# Vegan boots, Bristol



## FifthFromFront (Nov 14, 2005)

Ok I'm sure some twat is instantly gonna do a joke about eating boots or summat  but anyway...

Anyone know where I can get vegan footwear in Bristol? Not from Bristol will be popping down from Gloucester - so somewhere easy to find from Temple Meads would be good.

Cheers
FFF


----------



## gentlegreen (Nov 14, 2005)

FifthFromFront said:
			
		

> Ok I'm sure some twat is instantly gonna do a joke about eating boots or summat  but anyway...
> 
> Anyone know where I can get vegan footwear in Bristol? Not from Bristol will be popping down from Gloucester - so somewhere easy to find from Temple Meads would be good.
> 
> ...


I will be following this thread with interest as I tried for years to wear vegan footwear but having size 13 feet I have trouble enough getting non-vegan footwear.

Bog standard Doc Marten's are easy enough to find online ....


----------



## snadge (Nov 14, 2005)

try some banana skins, they work a treat.

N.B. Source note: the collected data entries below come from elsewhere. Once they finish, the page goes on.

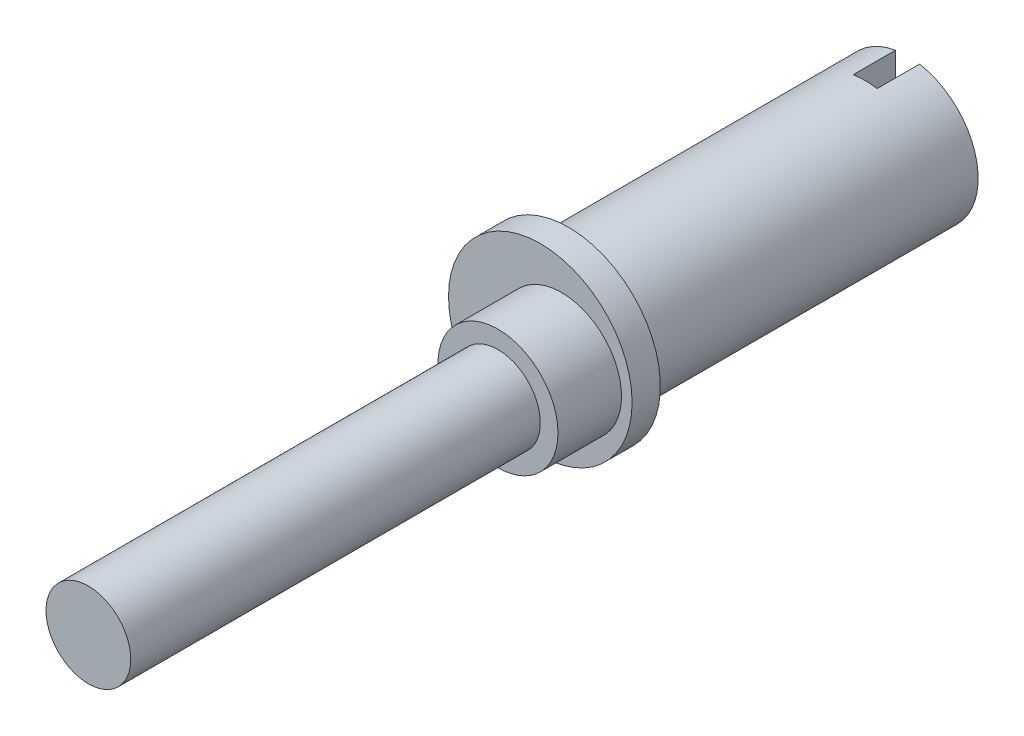
from build123d import *

# Parameters (mm, degrees)
SKETCH1_R           = 5
BOSS_EXTRUDE1_DEPTH = 25
SKETCH2_R           = 6.5
BOSS_EXTRUDE2_DEPTH = 1
SKETCH3_R           = 4.25
BOSS_EXTRUDE3_DEPTH = 4.5
SKETCH4_R           = 3
BOSS_EXTRUDE4_DEPTH = 29
SKETCH6_W           = 1.7
SKETCH6_H           = 11.931395552
CUT_EXTRUDE1_DEPTH  = 3
BOSS_EXTRUDE5_START = 1
SKETCH7_R           = 6.5
BOSS_EXTRUDE5_DEPTH = 1


with BuildPart() as part:
    # Sketch1 → Boss-Extrude1 (new body)
    with BuildSketch(Plane.XY):
        Circle(SKETCH1_R)
    extrude(amount=BOSS_EXTRUDE1_DEPTH)

    # Sketch2 → Boss-Extrude2 (add)
    with BuildSketch(Plane.XY.offset(25)):
        Circle(SKETCH2_R)
    extrude(amount=BOSS_EXTRUDE2_DEPTH)

    # Sketch3 → Boss-Extrude3 (add)
    with BuildSketch(Plane.XY.offset(26)):
        with Locations((1.5, 0)):
            Circle(SKETCH3_R)
    extrude(amount=BOSS_EXTRUDE3_DEPTH)

    # Sketch4 → Boss-Extrude4 (add)
    with BuildSketch(Plane.XY.offset(30.5)):
        with Locations(Location((1.5, 0, 0), (0, 0, 180))):
            Circle(SKETCH4_R)
    extrude(amount=BOSS_EXTRUDE4_DEPTH)

    # Sketch6 → Cut-Extrude1 (cut)
    with BuildSketch(Plane(origin=(0, 0, 0), x_dir=(-1, 0, 0), z_dir=(0, 0, -1))):
        Rectangle(SKETCH6_W, SKETCH6_H)
    extrude(amount=-CUT_EXTRUDE1_DEPTH, mode=Mode.SUBTRACT)

    # Sketch7 → Boss-Extrude5 (add)
    with BuildSketch(Plane(origin=(0, 0, 25), x_dir=(-1, 0, 0), z_dir=(0, 0, -1)).offset(BOSS_EXTRUDE5_START)):
        Circle(SKETCH7_R)
    extrude(amount=-BOSS_EXTRUDE5_DEPTH)


solid = part.part

failing that some pink wellies


----------



## madzone (Nov 14, 2005)

I can't help with the boots but I'll be able to sell you some vegan socks in the new year


----------



## DaveCinzano (Nov 14, 2005)

dunno, but yaoh publishes the annual 'vegan guide to bristol', they might be able to help - call 0117 923 9053


----------



## kalidarkone (Nov 14, 2005)

Red3k recently got some vegan footware from here:http://www.pennangalan.co.uk/boots/Newrock.php


----------



## veganbristol (Nov 15, 2005)

fff said:
			
		

> Not from Bristol will be popping down from Gloucester


Sorry, I don't know where to find vegan boots in Bristol, there must be a few places.

Check out Vegan Bristol for places to eat n drink etc whilst in town. I'm not Yaoh by the way.


----------



## FifthFromFront (Nov 16, 2005)

cheers all for the replies. I guess it's back to shopping on the net then - hate that though cos I prefer to have a wander with em on before buying. Ahhh well

Thanks again though,

FFF


----------



## zed66 (Nov 16, 2005)

If you are after hiking/military style boots you could do far worse than check out Altberg. Had some motorbike boots made up (admittedly in leather) and the quality is A1. They use Lorica and Cordura as leather substitutes and will hand make/customise boots to your specification. Handmade in Yorkshire, they're not the cheapest but have an excellent rep for after sales service, resoling etc.

http://www.altberg.co.uk/


----------